Ferrovia, which moved its head office to Amsterdam in 2023, is a global developer and operator of highways and airports, and also offers engineering services.
It’s a defensive stock because it provides essential services and generates steady cash flow, she says. Its valuation is never cheap, but the stock’s slide from its 52-week high is a buying opportunity, she adds, noting its shares can tumble on profit-taking.
A risk is a sharp economic downturn that could impact toll-road traffic volumes.
Her pick: NextEra Energy Inc. NEE-N
This utility, which is also the largest U.S. renewable power producer, benefits from Florida’s population growth and accelerating electricity demand from data centres, Ms. Lau says.
Juno Beach, Fla.-based Nextera also did a deal last year with Alphabet Inc.’s GOOGL-Q Google unit – a hyperscaler operating massive cloud computing infrastructure – to resurrect an Iowa nuclear power plant by 2029 to meet AI demands.
NextEra’s shares are defensive because it operates Florida Power & Light Co., a regulated utility that also has an approved return on equity of almost 11 per cent, she says.
The utility is targeting a compound annual growth rate in earnings per share of 8 per cent or more to 2032, she adds. “Its stock trades in line with the market.”
Rising interest rates could raise debt costs, she says, but NextEra has shown through its earnings that the impact would be negligible.
Jeff Sayer, vice-president and portfolio manager, Ninepoint Partners LP, Toronto
His fund: Ninepoint Global Infrastructure Fund INFR-T
His pick: The Williams Companies Inc. WMB-N
Williams, a natural gas storage and pipeline company, will benefit from growing power demand at AI data centres, Mr. Sayer says.
Headquartered in Tulsa, Okla., its pipelines deliver a third of U.S. gas.

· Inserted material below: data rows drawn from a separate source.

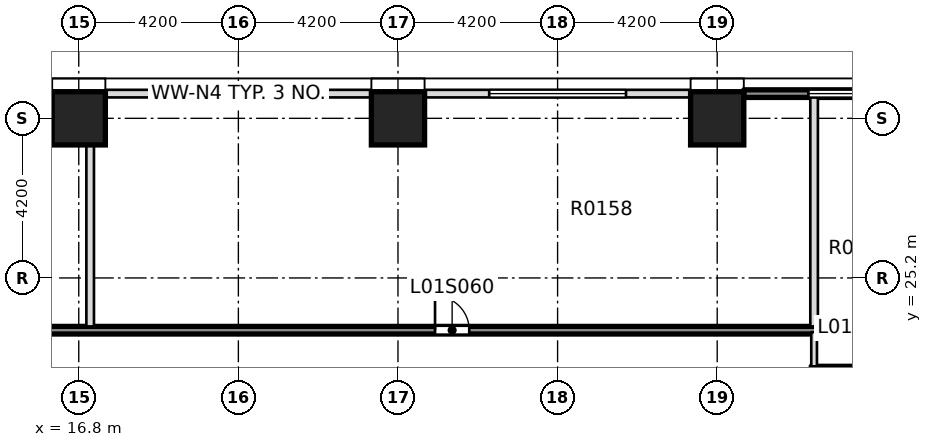
"""IFC4 building model, lengths in metres.
Left out: names, types, materials, properties, quantities, classifications, styles, units other than length and angle.
Written with IfcOpenShell. Run it as: python <this file> out.ifc"""

import sys

from ifc_helpers import new_model, si_unit, direction, frame, frame_2d, origin, origin_2d, place, context, subcontext, project, spatial, rectangle, extrude, element, fill, save


model = new_model("IFC4")
c1 = context("Model", 3, precision=1e-05, world=origin(), true_north=direction((0.0, 1.0)))
c2 = subcontext(c1, "Body", "Model", "MODEL_VIEW")
j1 = project(units=[si_unit("LENGTHUNIT", "METRE"), si_unit("PLANEANGLEUNIT", "RADIAN")], contexts=[c1])
p1 = place(None, origin())
s1 = spatial("IfcSite", under=j1, at=p1, CompositionType="ELEMENT")
p2 = place(p1, origin())
s2 = spatial("IfcBuilding", under=s1, at=p2, CompositionType="ELEMENT")
p3 = place(p2, frame((0.0, 0.0, 7.5)))
s3 = spatial("IfcBuildingStorey", under=s2, at=p3, CompositionType="ELEMENT", Elevation=7.5)
for number, where, z_axis, x_axis in (
    (1, (16.8, 29.4, 0.0), (0.0, 0.0, 1.0), (1.0, 0.0, 0.0)),
    (2, (25.2, 29.4, 0.0), (0.0, 0.0, 1.0), (1.0, 0.0, 0.0)),
):
    element("IfcColumn", number, at=place(p3, frame(where, z_axis=z_axis, x_axis=x_axis)), inside=s3, PredefinedType="COLUMN", context=c2, shape_type="SweptSolid", body=[
        extrude(rectangle(XDim=1.4, YDim=1.4, at=origin_2d()), origin(), (0.0, 0.0, 1.0), 5.0),
    ])
p4 = place(p3, frame((33.6, 29.4, 0.0), z_axis=(0.0, 0.0, 1.0), x_axis=(1.0, 0.0, 0.0)))
e3 = element("IfcColumn", 3, at=p4, inside=s3, PredefinedType="COLUMN", context=c2, shape_type="SweptSolid", body=[
    extrude(rectangle(XDim=1.4, YDim=1.4, at=origin_2d()), origin(), (0.0, 0.0, 1.0), 4.6),
])
p5 = place(p3, frame((36.075, 22.775, 0.0), z_axis=(0.0, 0.0, 1.0), x_axis=(1.0, 0.0, 0.0)))
e4 = element("IfcWall", 4, at=p5, inside=s3, PredefinedType="SOLIDWALL", context=c2, shape_type="SweptSolid", body=[
    extrude(rectangle(XDim=6.3, YDim=0.2, at=frame_2d((3.15, 0.0))), origin(), (0.0, 0.0, 1.0), 4.6),
])
p6 = place(p5, frame((0.675, 0.0, 0.0)))
e5 = element("IfcOpeningElement", 5, at=p6, cuts=e4, PredefinedType="OPENING", context=c2, shape_type="SweptSolid", body=[
    extrude(rectangle(XDim=1.2, YDim=2.1, at=frame_2d((0.6, 1.05))), frame((0.0, 0.11, 0.0), z_axis=(0.0, -1.0, 0.0), x_axis=(1.0, 0.0, 0.0)), (0.0, 0.0, 1.0), 0.22),
])
p7 = place(p3, frame((-15.2, 23.825, 0.0), z_axis=(0.0, 0.0, 1.0), x_axis=(1.0, 0.0, 0.0)))
e6 = element("IfcWall", 6, at=p7, inside=s3, PredefinedType="SOLIDWALL", context=c2, shape_type="SweptSolid", body=[
    extrude(rectangle(XDim=51.45, YDim=0.2, at=frame_2d((25.725, 0.0))), origin(), (0.0, 0.0, 1.0), 4.6),
])
p8 = place(p7, frame((17.9, 0.0, 0.0)))
e7 = element("IfcOpeningElement", 7, at=p8, cuts=e6, PredefinedType="OPENING", context=c2, shape_type="SweptSolid", body=[
    extrude(rectangle(XDim=1.2, YDim=2.1, at=frame_2d((0.6, 1.05))), frame((0.0, 0.11, 0.0), z_axis=(0.0, -1.0, 0.0), x_axis=(1.0, 0.0, 0.0)), (0.0, 0.0, 1.0), 0.22),
])
p9 = place(p7, frame((1.7, 0.0, 0.0)))
e8 = element("IfcOpeningElement", 8, at=p9, cuts=e6, PredefinedType="OPENING", context=c2, shape_type="SweptSolid", body=[
    extrude(rectangle(XDim=0.9, YDim=2.1, at=frame_2d((0.45, 1.05))), frame((0.0, 0.11, 0.0), z_axis=(0.0, -1.0, 0.0), x_axis=(1.0, 0.0, 0.0)), (0.0, 0.0, 1.0), 0.22),
])
p10 = place(p7, frame((8.225, 0.0, 0.0)))
e9 = element("IfcOpeningElement", 9, at=p10, cuts=e6, PredefinedType="OPENING", context=c2, shape_type="SweptSolid", body=[
    extrude(rectangle(XDim=0.9, YDim=2.1, at=frame_2d((0.45, 1.05))), frame((0.0, 0.11, 0.0), z_axis=(0.0, -1.0, 0.0), x_axis=(1.0, 0.0, 0.0)), (0.0, 0.0, 1.0), 0.22),
])
p11 = place(p7, frame((23.3, 0.0, 0.0)))
e10 = element("IfcOpeningElement", 10, at=p11, cuts=e6, PredefinedType="OPENING", context=c2, shape_type="SweptSolid", body=[
    extrude(rectangle(XDim=1.2, YDim=2.1, at=frame_2d((0.6, 1.05))), frame((0.0, 0.11, 0.0), z_axis=(0.0, -1.0, 0.0), x_axis=(1.0, 0.0, 0.0)), (0.0, 0.0, 1.0), 0.22),
])
p12 = place(p7, frame((29.75, 0.0, 0.0)))
e11 = element("IfcOpeningElement", 11, at=p12, cuts=e6, PredefinedType="OPENING", context=c2, shape_type="SweptSolid", body=[
    extrude(rectangle(XDim=0.9, YDim=2.1, at=frame_2d((0.45, 1.05))), frame((0.0, 0.11, 0.0), z_axis=(0.0, -1.0, 0.0), x_axis=(1.0, 0.0, 0.0)), (0.0, 0.0, 1.0), 0.22),
])
p13 = place(p7, frame((41.375, 0.0, 0.0)))
e12 = element("IfcOpeningElement", 12, at=p13, cuts=e6, PredefinedType="OPENING", context=c2, shape_type="SweptSolid", body=[
    extrude(rectangle(XDim=0.9, YDim=2.1, at=frame_2d((0.45, 1.05))), frame((0.0, 0.11, 0.0), z_axis=(0.0, -1.0, 0.0), x_axis=(1.0, 0.0, 0.0)), (0.0, 0.0, 1.0), 0.22),
])
p14 = place(p3, frame((17.1, 23.925, 0.0), z_axis=(0.0, 0.0, 1.0), x_axis=(0.0, 1.0, 0.0)))
e13 = element("IfcWall", 13, at=p14, inside=s3, PredefinedType="PARTITIONING", context=c2, shape_type="SweptSolid", body=[
    extrude(rectangle(XDim=6.025, YDim=0.2, at=frame_2d((3.012, 0.0))), origin(), (0.0, 0.0, 1.0), 4.6),
])
p15 = place(p3, frame((36.15, 22.875, 0.0), z_axis=(0.0, 0.0, 1.0), x_axis=(0.0, 1.0, 0.0)))
e14 = element("IfcWall", 14, at=p15, inside=s3, PredefinedType="PARTITIONING", context=c2, shape_type="SweptSolid", body=[
    extrude(rectangle(XDim=0.9, YDim=0.15, at=frame_2d((0.45, 0.0))), origin(), (0.0, 0.0, 1.0), 4.6),
])
p16 = place(p3, frame((36.15, 23.925, 0.0), z_axis=(0.0, 0.0, 1.0), x_axis=(0.0, 1.0, 0.0)))
e15 = element("IfcWall", 15, at=p16, inside=s3, PredefinedType="PARTITIONING", context=c2, shape_type="SweptSolid", body=[
    extrude(rectangle(XDim=6.025, YDim=0.2, at=frame_2d((3.012, 0.0))), origin(), (0.0, 0.0, 1.0), 4.6),
])
p17 = place(p3, frame((34.3, 30.05, 0.0), z_axis=(0.0, 0.0, 1.0), x_axis=(1.0, 0.0, 0.0)))
e16 = element("IfcWall", 16, at=p17, inside=s3, PredefinedType="SOLIDWALL", context=c2, shape_type="SweptSolid", body=[
    extrude(rectangle(XDim=7.0, YDim=0.2, at=frame_2d((3.5, 0.0))), origin(), (0.0, 0.0, 1.0), 4.6),
])
p18 = place(p17, frame((1.7, 0.0, 0.9)))
e17 = element("IfcOpeningElement", 17, at=p18, cuts=e16, PredefinedType="OPENING", context=c2, shape_type="SweptSolid", body=[
    extrude(rectangle(XDim=3.6, YDim=2.8, at=frame_2d((1.8, 1.4))), frame((0.0, 0.11, 0.0), z_axis=(0.0, -1.0, 0.0), x_axis=(1.0, 0.0, 0.0)), (0.0, 0.0, 1.0), 0.22),
])
p19 = place(p3, frame((32.9, 30.05, 0.0), z_axis=(0.0, 0.0, 1.0), x_axis=(-1.0, 0.0, 0.0)))
e18 = element("IfcWall", 18, at=p19, inside=s3, PredefinedType="STANDARD", context=c2, shape_type="SweptSolid", body=[
    extrude(rectangle(XDim=7.0, YDim=0.2, at=frame_2d((3.5, 0.0))), origin(), (0.0, 0.0, 1.0), 4.6),
])
p20 = place(p19, frame((1.7, 0.0, 0.9)))
e19 = element("IfcOpeningElement", 19, at=p20, cuts=e18, PredefinedType="OPENING", context=c2, shape_type="SweptSolid", body=[
    extrude(rectangle(XDim=3.6, YDim=2.8, at=frame_2d((1.8, 1.4))), frame((0.0, 0.11, 0.0), z_axis=(0.0, -1.0, 0.0), x_axis=(1.0, 0.0, 0.0)), (0.0, 0.0, 1.0), 0.22),
])
p21 = place(p3, frame((24.5, 30.05, 0.0), z_axis=(0.0, 0.0, 1.0), x_axis=(-1.0, 0.0, 0.0)))
e20 = element("IfcWall", 20, at=p21, inside=s3, PredefinedType="STANDARD", context=c2, shape_type="SweptSolid", body=[
    extrude(rectangle(XDim=7.0, YDim=0.2, at=frame_2d((3.5, 0.0))), origin(), (0.0, 0.0, 1.0), 4.6),
])
p22 = place(p21, frame((1.7, 0.0, 0.9)))
e21 = element("IfcOpeningElement", 21, at=p22, cuts=e20, PredefinedType="OPENING", context=c2, shape_type="SweptSolid", body=[
    extrude(rectangle(XDim=3.6, YDim=2.8, at=frame_2d((1.8, 1.4))), frame((0.0, 0.11, 0.0), z_axis=(0.0, -1.0, 0.0), x_axis=(1.0, 0.0, 0.0)), (0.0, 0.0, 1.0), 0.22),
])
p23 = place(p13, origin())
e22 = element("IfcDoor", 22, at=p23, inside=s3, OperationType="SINGLE_SWING_RIGHT", PredefinedType="DOOR", context=c2, shape_type="SweptSolid", body=[
    extrude(rectangle(XDim=0.9, YDim=2.1, at=frame_2d((0.45, 1.05))), frame((0.0, 0.025, 0.0), z_axis=(0.0, -1.0, 0.0), x_axis=(1.0, 0.0, 0.0)), (0.0, 0.0, 1.0), 0.05),
])
fill(e12, e22)
p24 = place(p18, origin())
e23 = element("IfcWindow", 23, at=p24, inside=s3, PartitioningType="SINGLE_PANEL", PredefinedType="WINDOW", context=c2, shape_type="SweptSolid", body=[
    extrude(rectangle(XDim=3.6, YDim=2.8, at=frame_2d((1.8, 1.4))), frame((0.0, 0.03, 0.0), z_axis=(0.0, -1.0, 0.0), x_axis=(1.0, 0.0, 0.0)), (0.0, 0.0, 1.0), 0.06),
])
fill(e17, e23)
p25 = place(p20, origin())
e24 = element("IfcWindow", 24, at=p25, inside=s3, PartitioningType="SINGLE_PANEL", PredefinedType="WINDOW", context=c2, shape_type="SweptSolid", body=[
    extrude(rectangle(XDim=3.6, YDim=2.8, at=frame_2d((1.8, 1.4))), frame((0.0, 0.03, 0.0), z_axis=(0.0, -1.0, 0.0), x_axis=(1.0, 0.0, 0.0)), (0.0, 0.0, 1.0), 0.06),
])
fill(e19, e24)
p26 = place(p22, origin())
e25 = element("IfcWindow", 25, at=p26, inside=s3, PartitioningType="SINGLE_PANEL", PredefinedType="WINDOW", context=c2, shape_type="SweptSolid", body=[
    extrude(rectangle(XDim=3.6, YDim=2.8, at=frame_2d((1.8, 1.4))), frame((0.0, 0.03, 0.0), z_axis=(0.0, -1.0, 0.0), x_axis=(1.0, 0.0, 0.0)), (0.0, 0.0, 1.0), 0.06),
])
fill(e21, e25)
save(model, sys.argv[1])
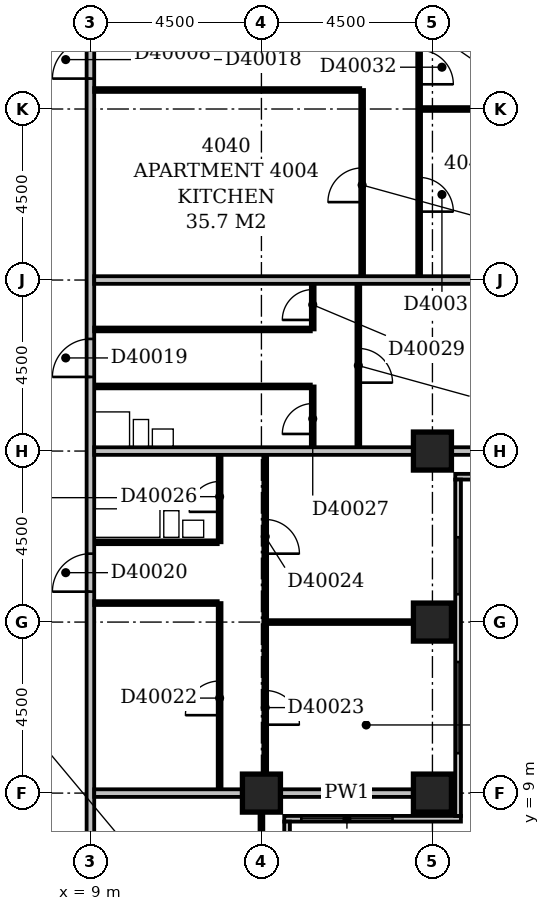
"""IFC4 building model, lengths in metres.
Left out: names, types, materials, properties, quantities, classifications, styles, units other than length and angle.
Written with IfcOpenShell. Run it as: python <this file> out.ifc"""

import sys

from ifc_helpers import new_model, si_unit, direction, frame, frame_2d, origin, origin_2d, place, context, subcontext, project, spatial, rectangle, extrude, element, fill, save


model = new_model("IFC4")
c1 = context("Model", 3, precision=1e-05, world=origin(), true_north=direction((0.0, 1.0)))
c2 = subcontext(c1, "Body", "Model", "MODEL_VIEW")
j1 = project(units=[si_unit("LENGTHUNIT", "METRE"), si_unit("PLANEANGLEUNIT", "RADIAN")], contexts=[c1])
p1 = place(None, origin())
s1 = spatial("IfcSite", under=j1, at=p1, CompositionType="ELEMENT")
p2 = place(p1, origin())
s2 = spatial("IfcBuilding", under=s1, at=p2, CompositionType="ELEMENT")
p3 = place(p2, frame((0.0, 0.0, 159.2)))
s3 = spatial("IfcBuildingStorey", under=s2, at=p3, CompositionType="ELEMENT", Elevation=159.2)
for number, where, z_axis, x_axis in (
    (1, (13.5, 9.0, -0.3), (0.0, 0.0, 1.0), (1.0, 0.0, 0.0)),
    (2, (18.0, 9.0, -0.3), (0.0, 0.0, 1.0), (1.0, 0.0, 0.0)),
    (3, (18.0, 13.5, -0.3), (0.0, 0.0, 1.0), (1.0, 0.0, 0.0)),
    (4, (18.0, 18.0, -0.3), (0.0, 0.0, 1.0), (1.0, 0.0, 0.0)),
):
    element("IfcColumn", number, at=place(p3, frame(where, z_axis=z_axis, x_axis=x_axis)), inside=s3, PredefinedType="COLUMN", context=c2, shape_type="SweptSolid", body=[
        extrude(rectangle(XDim=1.0, YDim=1.0, at=origin_2d()), origin(), (0.0, 0.0, 1.0), 3.6),
    ])
p4 = place(p3, frame((14.175, 3.9, 0.0), z_axis=(0.0, 0.0, 1.0), x_axis=(0.0, 1.0, 0.0)))
e5 = element("IfcWall", 5, at=p4, inside=s3, PredefinedType="STANDARD", context=c2, shape_type="SweptSolid", body=[
    extrude(rectangle(XDim=4.35, YDim=0.15, at=frame_2d((2.175, 0.0))), origin(), (0.0, 0.0, 1.0), 2.7),
])
p5 = place(p4, frame((1.65, 0.0, 0.6)))
e6 = element("IfcOpeningElement", 6, at=p5, cuts=e5, PredefinedType="OPENING", context=c2, shape_type="SweptSolid", body=[
    extrude(rectangle(XDim=2.4, YDim=1.8, at=frame_2d((1.2, 0.9))), frame((0.0, 0.087, 0.0), z_axis=(0.0, -1.0, 0.0), x_axis=(1.0, 0.0, 0.0)), (0.0, 0.0, 1.0), 0.174),
])
p6 = place(p3, frame((14.1, 8.325, 0.0), z_axis=(0.0, 0.0, 1.0), x_axis=(1.0, 0.0, 0.0)))
e7 = element("IfcWall", 7, at=p6, inside=s3, PredefinedType="STANDARD", context=c2, shape_type="SweptSolid", body=[
    extrude(rectangle(XDim=4.65, YDim=0.15, at=frame_2d((2.325, 0.0))), origin(), (0.0, 0.0, 1.0), 2.7),
])
p7 = place(p6, frame((0.45, 0.0, 0.6)))
e8 = element("IfcOpeningElement", 8, at=p7, cuts=e7, PredefinedType="OPENING", context=c2, shape_type="SweptSolid", body=[
    extrude(rectangle(XDim=2.4, YDim=1.8, at=frame_2d((1.2, 0.9))), frame((0.0, 0.087, 0.0), z_axis=(0.0, -1.0, 0.0), x_axis=(1.0, 0.0, 0.0)), (0.0, 0.0, 1.0), 0.174),
])
p8 = place(p3, frame((18.675, 8.4, 0.0), z_axis=(0.0, 0.0, 1.0), x_axis=(0.0, 1.0, 0.0)))
e9 = element("IfcWall", 9, at=p8, inside=s3, PredefinedType="STANDARD", context=c2, shape_type="SweptSolid", body=[
    extrude(rectangle(XDim=8.85, YDim=0.15, at=frame_2d((4.425, 0.0))), origin(), (0.0, 0.0, 1.0), 2.7),
])
p9 = place(p8, frame((1.65, 0.0, 0.6)))
e10 = element("IfcOpeningElement", 10, at=p9, cuts=e9, PredefinedType="OPENING", context=c2, shape_type="SweptSolid", body=[
    extrude(rectangle(XDim=2.4, YDim=1.8, at=frame_2d((1.2, 0.9))), frame((0.0, 0.087, 0.0), z_axis=(0.0, -1.0, 0.0), x_axis=(1.0, 0.0, 0.0)), (0.0, 0.0, 1.0), 0.174),
])
p10 = place(p8, frame((5.832, 0.0, 0.6)))
e11 = element("IfcOpeningElement", 11, at=p10, cuts=e9, PredefinedType="OPENING", context=c2, shape_type="SweptSolid", body=[
    extrude(rectangle(XDim=1.5, YDim=1.8, at=frame_2d((0.75, 0.9))), frame((0.0, 0.087, 0.0), z_axis=(0.0, -1.0, 0.0), x_axis=(1.0, 0.0, 0.0)), (0.0, 0.0, 1.0), 0.174),
])
p11 = place(p3, frame((18.6, 17.325, 0.0), z_axis=(0.0, 0.0, 1.0), x_axis=(1.0, 0.0, 0.0)))
e12 = element("IfcWall", 12, at=p11, inside=s3, PredefinedType="STANDARD", context=c2, shape_type="SweptSolid", body=[
    extrude(rectangle(XDim=4.65, YDim=0.15, at=frame_2d((2.325, 0.0))), origin(), (0.0, 0.0, 1.0), 2.7),
])
p12 = place(p11, frame((0.757, 0.0, 0.6)))
e13 = element("IfcOpeningElement", 13, at=p12, cuts=e12, PredefinedType="OPENING", context=c2, shape_type="SweptSolid", body=[
    extrude(rectangle(XDim=2.4, YDim=1.8, at=frame_2d((1.2, 0.9))), frame((0.0, 0.087, 0.0), z_axis=(0.0, -1.0, 0.0), x_axis=(1.0, 0.0, 0.0)), (0.0, 0.0, 1.0), 0.174),
])
p13 = place(p3, frame((9.0, 5.0, 0.0), z_axis=(0.0, 0.0, 1.0), x_axis=(0.0, 1.0, 0.0)))
e14 = element("IfcWall", 14, at=p13, inside=s3, PredefinedType="PARTITIONING", context=c2, shape_type="SweptSolid", body=[
    extrude(rectangle(XDim=27.75, YDim=0.2, at=frame_2d((13.875, 0.0))), origin(), (0.0, 0.0, 1.0), 3.3),
])
p14 = place(p13, frame((22.8, 0.0, 0.0)))
e15 = element("IfcOpeningElement", 15, at=p14, cuts=e14, PredefinedType="OPENING", context=c2, shape_type="SweptSolid", body=[
    extrude(rectangle(XDim=1.0, YDim=2.1, at=frame_2d((0.5, 1.05))), frame((0.0, 0.112, 0.0), z_axis=(0.0, -1.0, 0.0), x_axis=(1.0, 0.0, 0.0)), (0.0, 0.0, 1.0), 0.224),
])
p15 = place(p13, frame((14.95, 0.0, 0.0)))
e16 = element("IfcOpeningElement", 16, at=p15, cuts=e14, PredefinedType="OPENING", context=c2, shape_type="SweptSolid", body=[
    extrude(rectangle(XDim=1.0, YDim=2.1, at=frame_2d((0.5, 1.05))), frame((0.0, 0.112, 0.0), z_axis=(0.0, -1.0, 0.0), x_axis=(1.0, 0.0, 0.0)), (0.0, 0.0, 1.0), 0.224),
])
p16 = place(p13, frame((9.3, 0.0, 0.0)))
e17 = element("IfcOpeningElement", 17, at=p16, cuts=e14, PredefinedType="OPENING", context=c2, shape_type="SweptSolid", body=[
    extrude(rectangle(XDim=1.0, YDim=2.1, at=frame_2d((0.5, 1.05))), frame((0.0, 0.112, 0.0), z_axis=(0.0, -1.0, 0.0), x_axis=(1.0, 0.0, 0.0)), (0.0, 0.0, 1.0), 0.224),
])
p17 = place(p13, frame((1.5, 0.0, 0.0)))
e18 = element("IfcOpeningElement", 18, at=p17, cuts=e14, PredefinedType="OPENING", context=c2, shape_type="SweptSolid", body=[
    extrude(rectangle(XDim=0.9, YDim=2.1, at=frame_2d((0.45, 1.05))), frame((0.0, 0.112, 0.0), z_axis=(0.0, -1.0, 0.0), x_axis=(1.0, 0.0, 0.0)), (0.0, 0.0, 1.0), 0.224),
])
p18 = place(p3, frame((13.5, 5.0, 0.0), z_axis=(0.0, 0.0, 1.0), x_axis=(0.0, 1.0, 0.0)))
e19 = element("IfcWall", 19, at=p18, inside=s3, PredefinedType="PARTITIONING", context=c2, shape_type="SweptSolid", body=[
    extrude(rectangle(XDim=3.5, YDim=0.1, at=frame_2d((1.75, 0.0))), origin(), (0.0, 0.0, 1.0), 2.7),
])
p19 = place(p3, frame((9.1, 9.0, 0.0), z_axis=(0.0, 0.0, 1.0), x_axis=(1.0, 0.0, 0.0)))
e20 = element("IfcWall", 20, at=p19, inside=s3, PredefinedType="PARTITIONING", context=c2, shape_type="SweptSolid", body=[
    extrude(rectangle(XDim=3.9, YDim=0.2, at=frame_2d((1.95, 0.0))), origin(), (0.0, 0.0, 1.0), 3.3),
])
p20 = place(p3, frame((14.0, 9.0, 0.0), z_axis=(0.0, 0.0, 1.0), x_axis=(1.0, 0.0, 0.0)))
e21 = element("IfcWall", 21, at=p20, inside=s3, PredefinedType="PARTITIONING", context=c2, shape_type="SweptSolid", body=[
    extrude(rectangle(XDim=3.5, YDim=0.2, at=frame_2d((1.75, 0.0))), origin(), (0.0, 0.0, 1.0), 2.7),
])
p21 = place(p3, frame((12.4, 9.1, 0.0), z_axis=(0.0, 0.0, 1.0), x_axis=(0.0, 1.0, 0.0)))
e22 = element("IfcWall", 22, at=p21, inside=s3, PredefinedType="PARTITIONING", context=c2, shape_type="SweptSolid", body=[
    extrude(rectangle(XDim=4.9, YDim=0.1, at=frame_2d((2.45, 0.0))), origin(), (0.0, 0.0, 1.0), 3.3),
])
p22 = place(p21, frame((1.95, 0.0, 0.0)))
e23 = element("IfcOpeningElement", 23, at=p22, cuts=e22, PredefinedType="OPENING", context=c2, shape_type="SweptSolid", body=[
    extrude(rectangle(XDim=0.9, YDim=2.1, at=frame_2d((0.45, 1.05))), frame((0.0, 0.062, 0.0), z_axis=(0.0, -1.0, 0.0), x_axis=(1.0, 0.0, 0.0)), (0.0, 0.0, 1.0), 0.124),
])
p23 = place(p3, frame((13.6, 9.5, 0.0), z_axis=(0.0, 0.0, 1.0), x_axis=(0.0, 1.0, 0.0)))
e24 = element("IfcWall", 24, at=p23, inside=s3, PredefinedType="PARTITIONING", context=c2, shape_type="SweptSolid", body=[
    extrude(rectangle(XDim=8.4, YDim=0.1, at=frame_2d((4.2, 0.0))), origin(), (0.0, 0.0, 1.0), 3.3),
])
p24 = place(p23, frame((1.3, 0.0, 0.0)))
e25 = element("IfcOpeningElement", 25, at=p24, cuts=e24, PredefinedType="OPENING", context=c2, shape_type="SweptSolid", body=[
    extrude(rectangle(XDim=0.9, YDim=2.1, at=frame_2d((0.45, 1.05))), frame((0.0, 0.062, 0.0), z_axis=(0.0, -1.0, 0.0), x_axis=(1.0, 0.0, 0.0)), (0.0, 0.0, 1.0), 0.124),
])
p25 = place(p23, frame((5.8, 0.0, 0.0)))
e26 = element("IfcOpeningElement", 26, at=p25, cuts=e24, PredefinedType="OPENING", context=c2, shape_type="SweptSolid", body=[
    extrude(rectangle(XDim=0.9, YDim=2.1, at=frame_2d((0.45, 1.05))), frame((0.0, 0.062, 0.0), z_axis=(0.0, -1.0, 0.0), x_axis=(1.0, 0.0, 0.0)), (0.0, 0.0, 1.0), 0.124),
])
p26 = place(p3, frame((13.65, 13.5, 0.0), z_axis=(0.0, 0.0, 1.0), x_axis=(1.0, 0.0, 0.0)))
e27 = element("IfcWall", 27, at=p26, inside=s3, PredefinedType="PARTITIONING", context=c2, shape_type="SweptSolid", body=[
    extrude(rectangle(XDim=3.85, YDim=0.1, at=frame_2d((1.925, 0.0))), origin(), (0.0, 0.0, 1.0), 3.3),
])
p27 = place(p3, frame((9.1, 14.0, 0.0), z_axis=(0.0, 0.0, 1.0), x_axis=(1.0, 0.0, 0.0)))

Earnings are expected to grow due to increased demand, expansion of the Transcontinental Gas Pipe Line, and supplying power directly to hyperscalers and large-load industrial customers.
Williams is defensive because it gets stable cash flow through long-term contracts, he adds. Its stock trades at about 15 times EV/EBITDA, which is a “reasonable valuation,” he says.
The risk is if AI data-centre demand does not meet expectations.
His pick: NRG Energy Inc. NRG-N
This U.S. power company, which also has a retail electricity and home services division, is well-positioned for a wave of energy demand from AI data centres, Mr. Sayer says.
Houston-based NRG Energy closed a deal in January to acquire natural gas plants from LS Power Equity Advisors LLC. NRG Energy’s assets are now about 50 per cent in Texas and 40 per cent in the northeast U.S., he says.
This stock is a defensive play because it delivers electricity, which is a stable business, he says. It’s targeting 14-per-cent annual growth in adjusted earnings per share through to 2030.
NRG expects to do a data-centre deal soon with a hyperscaler to take one gigawatt of power, he says, which would give investors confidence that it can meet its target of six gigawatts of growth.
The risk is that the data-centre trade fails to meet expectations.